Now, back to writing. Do you have any themes you’d like me to address here?


Time to get back to writing. Several ideas have come to mind as themes for blog posts. One is mapping. In the 1980s and 90s I taught mind mapping, a note making method created by Tony Buzan, and that spurred me to research mapping in general as a means of understanding the world using line and metaphor. That, in turn, motivated me to look into language, semantics and semiotics. That led me to the work of Alfred Korzybski and especially his book, Science and Sanity (I have a copy). He coined the famous phrase: The Map is not the Territory. It is one of the most complex books I have ever read on mapping and metaphor and destroys the myths we have about sanity, insanity, science and reality. It also dissects the idea of science. I also discovered many books by the likes of Umberto Eco (The Theory of Semiotics), Mark Johnson and George Lakoff. Lakoff and Johnson wrote one of my favourite books. It’s called Metaphors We Live By. I used all of these books – and hundreds of others, of course – extensively in my lectures. Words are metaphorical by their very nature as are maps and all representations. Dictionaries are essentially closed systems of metaphors. There’s lots more to be said on this subject, making it a strong candidate for future blog posts.

 

Another theme, one that I’ve already addressed quite a lot, is the relationship of nationalism and capitalism, especially as they relate to the rise of global finance capital and what we call globalization. The rise of global finance capital was bound to produce the kinds of backlash among the working classes of the world as labour becomes an increasingly smaller component of capitalist production. The general public tends to cling to the notion that the nation-state is a means of controlling and promoting economic production and jobs in the face of growing finance capitalist expansion. People don’t think using highfalutin terms like I use here. They do, however, know that their world of work has become more and more precarious, tenuous and fragile. They know that little by little jobs ‘Canadian’ jobs are being eliminated by automation and exportation. They don’t know that there are no “Canadian’ jobs, just jobs in the capitalist world. They have also been convinced that having a job is the way to happiness. Anyone in their right mind knows that ‘work’ is not often a means of acquiring happiness, whatever that means.
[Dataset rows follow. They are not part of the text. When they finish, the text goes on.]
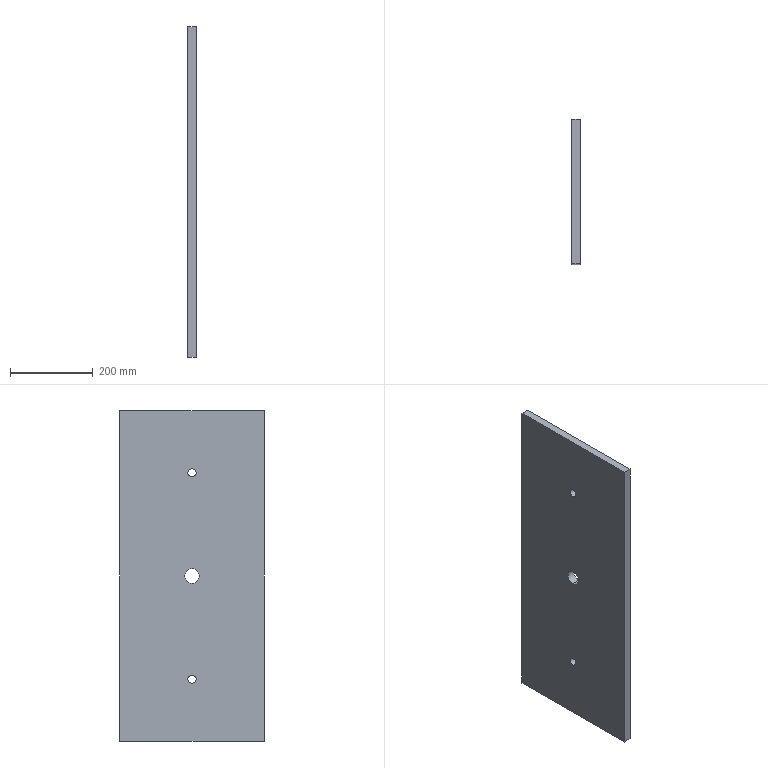Component | SolidWorks | ST60-08-1 | 1 solid | 12 faces | box 20 x 350 x 800 mm | volume 5568191 mm3 | cylinder 6 | plane 6 | commonest cylinder face diameters 20 x4 35 x2
build123d program:
from build123d import *

# Parameters (mm, degrees)
SKETCH1_W           = 800
SKETCH1_H           = 350
BOSS_EXTRUDE1_DEPTH = 20
SKETCH2_R           = 10
CUT_EXTRUDE1_DEPTH  = 1685.791
SKETCH3_R           = 17.5
CUT_EXTRUDE2_DEPTH  = 1685.791


with BuildPart() as part:
    # Sketch1 → Boss-Extrude1 (new body)
    with BuildSketch(Plane.XY):
        with Locations((-1124.489, 541.975)):
            Rectangle(SKETCH1_W, SKETCH1_H)
    extrude(amount=BOSS_EXTRUDE1_DEPTH)

    # Sketch2 → Cut-Extrude1 (cut, through all)
    with BuildSketch(Plane.XY.offset(20)):
        with Locations((-1374.489, 541.975)):
            Circle(SKETCH2_R)
        with Locations((-874.489, 541.975)):
            Circle(SKETCH2_R)
    extrude(amount=-CUT_EXTRUDE1_DEPTH, mode=Mode.SUBTRACT)

    # Sketch3 → Cut-Extrude2 (cut, through all)
    with BuildSketch(Plane.XY.offset(20)):
        with Locations((-1124.489, 541.975)):
            Circle(SKETCH3_R)
    extrude(amount=-CUT_EXTRUDE2_DEPTH, mode=Mode.SUBTRACT)


solid = part.part

# Placed as in the assembly
solid = solid.moved(Location((257.993, 68.479, -3025.889), (0, 90, 0)))
STEP:
#1=CARTESIAN_POINT('',(10.945,24.034,-75.547));
#2=VERTEX_POINT('',#1);
#3=CARTESIAN_POINT('',(10.945,24.034,-74.169));
#4=VERTEX_POINT('',#3);
#5=CARTESIAN_POINT('',(10.945,24.034,-74.858));
#6=DIRECTION('',(-1.,-0.,0.));
#7=DIRECTION('',(0.,0.,1.));
#8=AXIS2_PLACEMENT_3D('',#5,#6,#7);
#9=CIRCLE('',#8,0.689);
#10=EDGE_CURVE('',#2,#4,#9,.T.);
#11=ORIENTED_EDGE('',*,*,#10,.F.);
#12=CARTESIAN_POINT('',(10.157,24.034,-75.547));
#13=VERTEX_POINT('',#12);
#14=CARTESIAN_POINT('',(10.945,24.034,-75.547));
#15=DIRECTION('',(-1.,-0.,0.));
#16=VECTOR('',#15,39.37);
#17=LINE('',#14,#16);
#18=EDGE_CURVE('',#2,#13,#17,.T.);
#19=ORIENTED_EDGE('',*,*,#18,.T.);
#20=CARTESIAN_POINT('',(10.157,24.034,-74.169));
#21=VERTEX_POINT('',#20);
#22=CARTESIAN_POINT('',(10.157,24.034,-74.858));
#23=DIRECTION('',(-1.,-0.,0.));
#24=DIRECTION('',(0.,0.,1.));
#25=AXIS2_PLACEMENT_3D('',#22,#23,#24);
#26=CIRCLE('',#25,0.689);
#27=EDGE_CURVE('',#13,#21,#26,.T.);
#28=ORIENTED_EDGE('',*,*,#27,.T.);
#29=CARTESIAN_POINT('',(10.945,24.034,-74.169));
#30=DIRECTION('',(-1.,-0.,0.));
#31=VECTOR('',#30,39.37);
#32=LINE('',#29,#31);
#33=EDGE_CURVE('',#4,#21,#32,.T.);
#34=ORIENTED_EDGE('',*,*,#33,.F.);
#35=EDGE_LOOP('',(#11,#19,#28,#34));
#36=FACE_OUTER_BOUND('',#35,.T.);
#37=CARTESIAN_POINT('',(10.945,24.034,-74.858));
#38=DIRECTION('',(-1.,-0.,0.));
#39=DIRECTION('',(0.,0.,1.));
#40=AXIS2_PLACEMENT_3D('',#37,#38,#39);
#41=CYLINDRICAL_SURFACE('',#40,0.689);
#42=ADVANCED_FACE('',(#36),#41,.F.);
#43=CARTESIAN_POINT('',(10.945,24.034,-85.094));
#44=VERTEX_POINT('',#43);
#45=CARTESIAN_POINT('',(10.945,24.034,-84.307));
#46=VERTEX_POINT('',#45);
#47=CARTESIAN_POINT('',(10.945,24.034,-84.701));
#48=DIRECTION('',(-1.,-0.,0.));
#49=DIRECTION('',(0.,0.,1.));
#50=AXIS2_PLACEMENT_3D('',#47,#48,#49);
#51=CIRCLE('',#50,0.3937);
#52=EDGE_CURVE('',#44,#46,#51,.T.);
#53=ORIENTED_EDGE('',*,*,#52,.F.);
#54=CARTESIAN_POINT('',(10.157,24.034,-85.094));
#55=VERTEX_POINT('',#54);
#56=CARTESIAN_POINT('',(10.945,24.034,-85.094));
#57=DIRECTION('',(-1.,-0.,0.));
#58=VECTOR('',#57,39.37);
#59=LINE('',#56,#58);
#60=EDGE_CURVE('',#44,#55,#59,.T.);
#61=ORIENTED_EDGE('',*,*,#60,.T.);
#62=CARTESIAN_POINT('',(10.157,24.034,-84.307));
#63=VERTEX_POINT('',#62);
#64=CARTESIAN_POINT('',(10.157,24.034,-84.701));
#65=DIRECTION('',(-1.,-0.,0.));
#66=DIRECTION('',(0.,0.,1.));
#67=AXIS2_PLACEMENT_3D('',#64,#65,#66);
#68=CIRCLE('',#67,0.3937);
#69=EDGE_CURVE('',#55,#63,#68,.T.);
#70=ORIENTED_EDGE('',*,*,#69,.T.);
#71=CARTESIAN_POINT('',(10.945,24.034,-84.307));
#72=DIRECTION('',(-1.,-0.,0.));
#73=VECTOR('',#72,39.37);
#74=LINE('',#71,#73);
#75=EDGE_CURVE('',#46,#63,#74,.T.);
#76=ORIENTED_EDGE('',*,*,#75,.F.);
#77=EDGE_LOOP('',(#53,#61,#70,#76));
#78=FACE_OUTER_BOUND('',#77,.T.);
#79=CARTESIAN_POINT('',(10.945,24.034,-84.701));
#80=DIRECTION('',(-1.,-0.,0.));
#81=DIRECTION('',(0.,0.,1.));
#82=AXIS2_PLACEMENT_3D('',#79,#80,#81);
#83=CYLINDRICAL_SURFACE('',#82,0.3937);
#84=ADVANCED_FACE('',(#78),#83,.F.);
#85=CARTESIAN_POINT('',(10.945,24.034,-65.409));
#86=VERTEX_POINT('',#85);
#87=CARTESIAN_POINT('',(10.945,24.034,-64.622));
#88=VERTEX_POINT('',#87);
#89=CARTESIAN_POINT('',(10.945,24.034,-65.016));
#90=DIRECTION('',(-1.,-0.,0.));
#91=DIRECTION('',(0.,0.,1.));
#92=AXIS2_PLACEMENT_3D('',#89,#90,#91);
#93=CIRCLE('',#92,0.3937);
#94=EDGE_CURVE('',#86,#88,#93,.T.);
#95=ORIENTED_EDGE('',*,*,#94,.F.);
#96=CARTESIAN_POINT('',(10.157,24.034,-65.409));
#97=VERTEX_POINT('',#96);
#98=CARTESIAN_POINT('',(10.945,24.034,-65.409));
#99=DIRECTION('',(-1.,-0.,0.));
#100=VECTOR('',#99,39.37);
#101=LINE('',#98,#100);
#102=EDGE_CURVE('',#86,#97,#101,.T.);
#103=ORIENTED_EDGE('',*,*,#102,.T.);
#104=CARTESIAN_POINT('',(10.157,24.034,-64.622));
#105=VERTEX_POINT('',#104);
#106=CARTESIAN_POINT('',(10.157,24.034,-65.016));
#107=DIRECTION('',(-1.,-0.,0.));
#108=DIRECTION('',(0.,0.,1.));
#109=AXIS2_PLACEMENT_3D('',#106,#107,#108);
#110=CIRCLE('',#109,0.3937);
#111=EDGE_CURVE('',#97,#105,#110,.T.);
#112=ORIENTED_EDGE('',*,*,#111,.T.);
#113=CARTESIAN_POINT('',(10.945,24.034,-64.622));
#114=DIRECTION('',(-1.,-0.,0.));
#115=VECTOR('',#114,39.37);
#116=LINE('',#113,#115);
#117=EDGE_CURVE('',#88,#105,#116,.T.);
#118=ORIENTED_EDGE('',*,*,#117,.F.);
#119=EDGE_LOOP('',(#95,#103,#112,#118));
#120=FACE_OUTER_BOUND('',#119,.T.);
#121=CARTESIAN_POINT('',(10.945,24.034,-65.016));
#122=DIRECTION('',(-1.,-0.,0.));
#123=DIRECTION('',(0.,0.,1.));
#124=AXIS2_PLACEMENT_3D('',#121,#122,#123);
#125=CYLINDRICAL_SURFACE('',#124,0.3937);
#126=ADVANCED_FACE('',(#120),#125,.F.);
#127=CARTESIAN_POINT('',(10.945,30.923,-90.606));
#128=VERTEX_POINT('',#127);
#129=CARTESIAN_POINT('',(10.945,17.144,-90.606));
#130=VERTEX_POINT('',#129);
#131=CARTESIAN_POINT('',(10.945,30.923,-90.606));
#132=DIRECTION('',(0.,-1.,0.));
#133=VECTOR('',#132,39.37);
#134=LINE('',#131,#133);
#135=EDGE_CURVE('',#128,#130,#134,.T.);
#136=ORIENTED_EDGE('',*,*,#135,.T.);
#137=CARTESIAN_POINT('',(10.157,17.144,-90.606));
#138=VERTEX_POINT('',#137);
#139=CARTESIAN_POINT('',(10.157,17.144,-90.606));
#140=DIRECTION('',(1.,0.,-0.));
#141=VECTOR('',#140,39.37);
#142=LINE('',#139,#141);
#143=EDGE_CURVE('',#138,#130,#142,.T.);
#144=ORIENTED_EDGE('',*,*,#143,.F.);
#145=CARTESIAN_POINT('',(10.157,30.923,-90.606));
#146=VERTEX_POINT('',#145);
#147=CARTESIAN_POINT('',(10.157,30.923,-90.606));
#148=DIRECTION('',(0.,-1.,0.));
#149=VECTOR('',#148,39.37);
#150=LINE('',#147,#149);
#151=EDGE_CURVE('',#146,#138,#150,.T.);
#152=ORIENTED_EDGE('',*,*,#151,.F.);
#153=CARTESIAN_POINT('',(10.157,30.923,-90.606));
#154=DIRECTION('',(1.,0.,-0.));
#155=VECTOR('',#154,39.37);
#156=LINE('',#153,#155);
#157=EDGE_CURVE('',#146,#128,#156,.T.);
#158=ORIENTED_EDGE('',*,*,#157,.T.);
#159=EDGE_LOOP('',(#136,#144,#152,#158));
#160=FACE_OUTER_BOUND('',#159,.T.);
#161=CARTESIAN_POINT('',(10.157,30.923,-90.606));
#162=DIRECTION('',(0.,0.,1.));
#163=DIRECTION('',(-0.,1.,-0.));
#164=AXIS2_PLACEMENT_3D('',#161,#162,#163);
#165=PLANE('',#164);
#166=ADVANCED_FACE('',(#160),#165,.F.);
#167=CARTESIAN_POINT('',(10.945,17.144,-59.11));
#168=VERTEX_POINT('',#167);
#169=CARTESIAN_POINT('',(10.945,17.144,-90.606));
#170=DIRECTION('',(0.,-0.,1.));
#171=VECTOR('',#170,39.37);
#172=LINE('',#169,#171);
#173=EDGE_CURVE('',#130,#168,#172,.T.);
#174=ORIENTED_EDGE('',*,*,#173,.T.);
#175=CARTESIAN_POINT('',(10.157,17.144,-59.11));
#176=VERTEX_POINT('',#175);
#177=CARTESIAN_POINT('',(10.157,17.144,-59.11));
#178=DIRECTION('',(1.,0.,-0.));
#179=VECTOR('',#178,39.37);
#180=LINE('',#177,#179);
#181=EDGE_CURVE('',#176,#168,#180,.T.);
#182=ORIENTED_EDGE('',*,*,#181,.F.);
#183=CARTESIAN_POINT('',(10.157,17.144,-90.606));
#184=DIRECTION('',(0.,-0.,1.));
#185=VECTOR('',#184,39.37);
#186=LINE('',#183,#185);
#187=EDGE_CURVE('',#138,#176,#186,.T.);
#188=ORIENTED_EDGE('',*,*,#187,.F.);
#189=ORIENTED_EDGE('',*,*,#143,.T.);
#190=EDGE_LOOP('',(#174,#182,#188,#189));
#191=FACE_OUTER_BOUND('',#190,.T.);
#192=CARTESIAN_POINT('',(10.157,17.144,-90.606));
#193=DIRECTION('',(-0.,1.,0.));
#194=DIRECTION('',(-1.,-0.,0.));
#195=AXIS2_PLACEMENT_3D('',#192,#193,#194);
#196=PLANE('',#195);
#197=ADVANCED_FACE('',(#191),#196,.F.);
#198=CARTESIAN_POINT('',(10.945,30.923,-59.11));
#199=VERTEX_POINT('',#198);
#200=CARTESIAN_POINT('',(10.945,30.923,-59.11));
#201=DIRECTION('',(-0.,1.,0.));
#202=VECTOR('',#201,39.37);
#203=LINE('',#200,#202);
#204=EDGE_CURVE('',#168,#199,#203,.T.);
#205=ORIENTED_EDGE('',*,*,#204,.T.);
#206=CARTESIAN_POINT('',(10.157,30.923,-59.11));
#207=VERTEX_POINT('',#206);
#208=CARTESIAN_POINT('',(10.157,30.923,-59.11));
#209=DIRECTION('',(1.,0.,-0.));
#210=VECTOR('',#209,39.37);
#211=LINE('',#208,#210);
#212=EDGE_CURVE('',#207,#199,#211,.T.);
#213=ORIENTED_EDGE('',*,*,#212,.F.);
#214=CARTESIAN_POINT('',(10.157,30.923,-59.11));
#215=DIRECTION('',(-0.,1.,0.));
#216=VECTOR('',#215,39.37);
#217=LINE('',#214,#216);
#218=EDGE_CURVE('',#176,#207,#217,.T.);
#219=ORIENTED_EDGE('',*,*,#218,.F.);
#220=ORIENTED_EDGE('',*,*,#181,.T.);
#221=EDGE_LOOP('',(#205,#213,#219,#220));
#222=FACE_OUTER_BOUND('',#221,.T.);
#223=CARTESIAN_POINT('',(10.157,30.923,-59.11));
#224=DIRECTION('',(-0.,0.,-1.));
#225=DIRECTION('',(-1.,-0.,0.));
#226=AXIS2_PLACEMENT_3D('',#223,#224,#225);
#227=PLANE('',#226);
#228=ADVANCED_FACE('',(#222),#227,.F.);
#229=CARTESIAN_POINT('',(10.945,30.923,-90.606));
#230=DIRECTION('',(-0.,0.,-1.));
#231=VECTOR('',#230,39.37);
#232=LINE('',#229,#231);
#233=EDGE_CURVE('',#199,#128,#232,.T.);
#234=ORIENTED_EDGE('',*,*,#233,.T.);
#235=ORIENTED_EDGE('',*,*,#157,.F.);
#236=CARTESIAN_POINT('',(10.157,30.923,-90.606));
#237=DIRECTION('',(-0.,0.,-1.));
#238=VECTOR('',#237,39.37);
#239=LINE('',#236,#238);
#240=EDGE_CURVE('',#207,#146,#239,.T.);
#241=ORIENTED_EDGE('',*,*,#240,.F.);
#242=ORIENTED_EDGE('',*,*,#212,.T.);
#243=EDGE_LOOP('',(#234,#235,#241,#242));
#244=FACE_OUTER_BOUND('',#243,.T.);
#245=CARTESIAN_POINT('',(10.157,30.923,-90.606));
#246=DIRECTION('',(0.,-1.,-0.));
#247=DIRECTION('',(1.,0.,-0.));
#248=AXIS2_PLACEMENT_3D('',#245,#246,#247);
#249=PLANE('',#248);
#250=ADVANCED_FACE('',(#244),#249,.F.);
#251=CARTESIAN_POINT('',(10.157,24.034,-74.858));
#252=DIRECTION('',(-1.,-0.,0.));
#253=DIRECTION('',(0.,0.,1.));
#254=AXIS2_PLACEMENT_3D('',#251,#252,#253);
#255=CIRCLE('',#254,0.689);
#256=EDGE_CURVE('',#21,#13,#255,.T.);
#257=ORIENTED_EDGE('',*,*,#256,.F.);
#258=ORIENTED_EDGE('',*,*,#27,.F.);
#259=EDGE_LOOP('',(#257,#258));
#260=FACE_BOUND('',#259,.T.);
#261=CARTESIAN_POINT('',(10.157,24.034,-84.701));
#262=DIRECTION('',(-1.,-0.,0.));
#263=DIRECTION('',(0.,0.,1.));
#264=AXIS2_PLACEMENT_3D('',#261,#262,#263);
#265=CIRCLE('',#264,0.3937);
#266=EDGE_CURVE('',#63,#55,#265,.T.);
#267=ORIENTED_EDGE('',*,*,#266,.F.);
#268=ORIENTED_EDGE('',*,*,#69,.F.);
#269=EDGE_LOOP('',(#267,#268));
#270=FACE_BOUND('',#269,.T.);
#271=CARTESIAN_POINT('',(10.157,24.034,-65.016));
#272=DIRECTION('',(-1.,-0.,0.));
#273=DIRECTION('',(0.,0.,1.));
#274=AXIS2_PLACEMENT_3D('',#271,#272,#273);
#275=CIRCLE('',#274,0.3937);
#276=EDGE_CURVE('',#105,#97,#275,.T.);
#277=ORIENTED_EDGE('',*,*,#276,.F.);
#278=ORIENTED_EDGE('',*,*,#111,.F.);
#279=EDGE_LOOP('',(#277,#278));
#280=FACE_BOUND('',#279,.T.);
#281=ORIENTED_EDGE('',*,*,#151,.T.);
#282=ORIENTED_EDGE('',*,*,#187,.T.);
#283=ORIENTED_EDGE('',*,*,#218,.T.);
#284=ORIENTED_EDGE('',*,*,#240,.T.);
#285=EDGE_LOOP('',(#281,#282,#283,#284));
#286=FACE_OUTER_BOUND('',#285,.T.);
#287=CARTESIAN_POINT('',(10.157,2.696,-30.587));
#288=DIRECTION('',(-1.,-0.,0.));
#289=DIRECTION('',(0.,-0.,1.));
#290=AXIS2_PLACEMENT_3D('',#287,#288,#289);
#291=PLANE('',#290);
#292=ADVANCED_FACE('',(#260,#270,#280,#286),#291,.T.);
#293=CARTESIAN_POINT('',(10.945,24.034,-74.858));
#294=DIRECTION('',(-1.,-0.,0.));
#295=DIRECTION('',(0.,0.,1.));
#296=AXIS2_PLACEMENT_3D('',#293,#294,#295);
#297=CIRCLE('',#296,0.689);
#298=EDGE_CURVE('',#4,#2,#297,.T.);
#299=ORIENTED_EDGE('',*,*,#298,.T.);
#300=ORIENTED_EDGE('',*,*,#10,.T.);
#301=EDGE_LOOP('',(#299,#300));
#302=FACE_BOUND('',#301,.T.);
#303=CARTESIAN_POINT('',(10.945,24.034,-84.701));
#304=DIRECTION('',(-1.,-0.,0.));
#305=DIRECTION('',(0.,0.,1.));
#306=AXIS2_PLACEMENT_3D('',#303,#304,#305);
#307=CIRCLE('',#306,0.3937);
#308=EDGE_CURVE('',#46,#44,#307,.T.);
#309=ORIENTED_EDGE('',*,*,#308,.T.);
#310=ORIENTED_EDGE('',*,*,#52,.T.);
#311=EDGE_LOOP('',(#309,#310));
#312=FACE_BOUND('',#311,.T.);
#313=CARTESIAN_POINT('',(10.945,24.034,-65.016));
#314=DIRECTION('',(-1.,-0.,0.));
#315=DIRECTION('',(0.,0.,1.));
#316=AXIS2_PLACEMENT_3D('',#313,#314,#315);
#317=CIRCLE('',#316,0.3937);
#318=EDGE_CURVE('',#88,#86,#317,.T.);
#319=ORIENTED_EDGE('',*,*,#318,.T.);
#320=ORIENTED_EDGE('',*,*,#94,.T.);
#321=EDGE_LOOP('',(#319,#320));
#322=FACE_BOUND('',#321,.T.);
#323=ORIENTED_EDGE('',*,*,#135,.F.);
#324=ORIENTED_EDGE('',*,*,#233,.F.);
#325=ORIENTED_EDGE('',*,*,#204,.F.);
#326=ORIENTED_EDGE('',*,*,#173,.F.);
#327=EDGE_LOOP('',(#323,#324,#325,#326));
#328=FACE_OUTER_BOUND('',#327,.T.);
#329=CARTESIAN_POINT('',(10.945,2.696,-30.587));
#330=DIRECTION('',(-1.,-0.,0.));
#331=DIRECTION('',(0.,-0.,1.));
#332=AXIS2_PLACEMENT_3D('',#329,#330,#331);
#333=PLANE('',#332);
#334=ADVANCED_FACE('',(#302,#312,#322,#328),#333,.F.);
#335=ORIENTED_EDGE('',*,*,#102,.F.);
#336=ORIENTED_EDGE('',*,*,#318,.F.);
#337=ORIENTED_EDGE('',*,*,#117,.T.);
#338=ORIENTED_EDGE('',*,*,#276,.T.);
#339=EDGE_LOOP('',(#335,#336,#337,#338));
#340=FACE_OUTER_BOUND('',#339,.T.);
#341=CARTESIAN_POINT('',(10.945,24.034,-65.016));
#342=DIRECTION('',(-1.,-0.,0.));
#343=DIRECTION('',(0.,0.,1.));
#344=AXIS2_PLACEMENT_3D('',#341,#342,#343);
#345=CYLINDRICAL_SURFACE('',#344,0.3937);
#346=ADVANCED_FACE('',(#340),#345,.F.);
#347=ORIENTED_EDGE('',*,*,#60,.F.);
#348=ORIENTED_EDGE('',*,*,#308,.F.);
#349=ORIENTED_EDGE('',*,*,#75,.T.);
#350=ORIENTED_EDGE('',*,*,#266,.T.);
#351=EDGE_LOOP('',(#347,#348,#349,#350));
#352=FACE_OUTER_BOUND('',#351,.T.);
#353=CARTESIAN_POINT('',(10.945,24.034,-84.701));
#354=DIRECTION('',(-1.,-0.,0.));
#355=DIRECTION('',(0.,0.,1.));
#356=AXIS2_PLACEMENT_3D('',#353,#354,#355);
#357=CYLINDRICAL_SURFACE('',#356,0.3937);
#358=ADVANCED_FACE('',(#352),#357,.F.);
#359=ORIENTED_EDGE('',*,*,#18,.F.);
#360=ORIENTED_EDGE('',*,*,#298,.F.);
#361=ORIENTED_EDGE('',*,*,#33,.T.);
#362=ORIENTED_EDGE('',*,*,#256,.T.);
#363=EDGE_LOOP('',(#359,#360,#361,#362));
#364=FACE_OUTER_BOUND('',#363,.T.);
#365=CARTESIAN_POINT('',(10.945,24.034,-74.858));
#366=DIRECTION('',(-1.,-0.,0.));
#367=DIRECTION('',(0.,0.,1.));
#368=AXIS2_PLACEMENT_3D('',#365,#366,#367);
#369=CYLINDRICAL_SURFACE('',#368,0.689);
#370=ADVANCED_FACE('',(#364),#369,.F.);
#371=CLOSED_SHELL('',(#42,#84,#126,#166,#197,#228,#250,#292,#334,#346,#358,#370));
#372=MANIFOLD_SOLID_BREP('',#371);
#373=CARTESIAN_POINT('',(0.,0.,0.));
#374=DIRECTION('',(0.,0.,1.));
#375=DIRECTION('',(1.,0.,0.));
#376=AXIS2_PLACEMENT_3D('',#373,#374,#375);
#377=(LENGTH_UNIT()NAMED_UNIT(*)SI_UNIT($,.METRE.));
#378=LENGTH_MEASURE_WITH_UNIT(LENGTH_MEASURE(0.0254),#377);
#379=DIMENSIONAL_EXPONENTS(1.,0.,0.,0.,0.,0.,0.);
#380=(CONVERSION_BASED_UNIT('',#378)LENGTH_UNIT()NAMED_UNIT(#379));
#381=UNCERTAINTY_MEASURE_WITH_UNIT(LENGTH_MEASURE(0.00001),#380,'','');
#382=(NAMED_UNIT(*)PLANE_ANGLE_UNIT()SI_UNIT($,.RADIAN.));
#383=(NAMED_UNIT(*)SI_UNIT($,.STERADIAN.)SOLID_ANGLE_UNIT());
#384=(GEOMETRIC_REPRESENTATION_CONTEXT(3)GLOBAL_UNCERTAINTY_ASSIGNED_CONTEXT((#381))GLOBAL_UNIT_ASSIGNED_CONTEXT((#380,#382,#383))REPRESENTATION_CONTEXT('',''));
#385=ADVANCED_BREP_SHAPE_REPRESENTATION('',(#372,#376),#384);
#386=COLOUR_RGB('',0.7922,0.8196,0.9333);
#387=FILL_AREA_STYLE_COLOUR('',#386);
#388=FILL_AREA_STYLE('',(#387));
#389=SURFACE_STYLE_FILL_AREA(#388);
#390=SURFACE_SIDE_STYLE('',(#389));
#391=SURFACE_STYLE_USAGE(.BOTH.,#390);
#392=PRESENTATION_STYLE_ASSIGNMENT((#391));
#393=STYLED_ITEM('',(#392),#372);
#394=(LENGTH_UNIT()NAMED_UNIT(*)SI_UNIT($,.METRE.));
#395=LENGTH_MEASURE_WITH_UNIT(LENGTH_MEASURE(0.0254),#394);
#396=DIMENSIONAL_EXPONENTS(1.,0.,0.,0.,0.,0.,0.);
#397=(CONVERSION_BASED_UNIT('',#395)LENGTH_UNIT()NAMED_UNIT(#396));
#398=UNCERTAINTY_MEASURE_WITH_UNIT(LENGTH_MEASURE(0.00001),#397,'','');
#399=(NAMED_UNIT(*)PLANE_ANGLE_UNIT()SI_UNIT($,.RADIAN.));
#400=(NAMED_UNIT(*)SI_UNIT($,.STERADIAN.)SOLID_ANGLE_UNIT());
#401=(GEOMETRIC_REPRESENTATION_CONTEXT(3)GLOBAL_UNCERTAINTY_ASSIGNED_CONTEXT((#398))GLOBAL_UNIT_ASSIGNED_CONTEXT((#397,#399,#400))REPRESENTATION_CONTEXT('',''));
#402=MECHANICAL_DESIGN_GEOMETRIC_PRESENTATION_REPRESENTATION('',(#393),#401);
#403=PRESENTATION_LAYER_ASSIGNMENT('','',(#393));

Employment is alienating, no matter how we cut it. Work, however, is a different thing and humans by their very nature are producers of goods, makers of things (homo faber).

As we get squeezed between the need to pay our rents and mortgages and the increasingly insecure labour market, something has to give. The tension brought on by ‘austerity programs’ and ‘structural adjustment programs’ imposed on debtor countries by the World Bank and other transnational organizations in cahoots with national governments will be released somehow. Can you say ‘open rebellion’ and ‘violence in the streets’? Trump’s disaffected followers are just the spark that could ignite and then fan the flames of violence in America. People will find scapegoats upon which to heap their fears because they have no idea who their real enemy is.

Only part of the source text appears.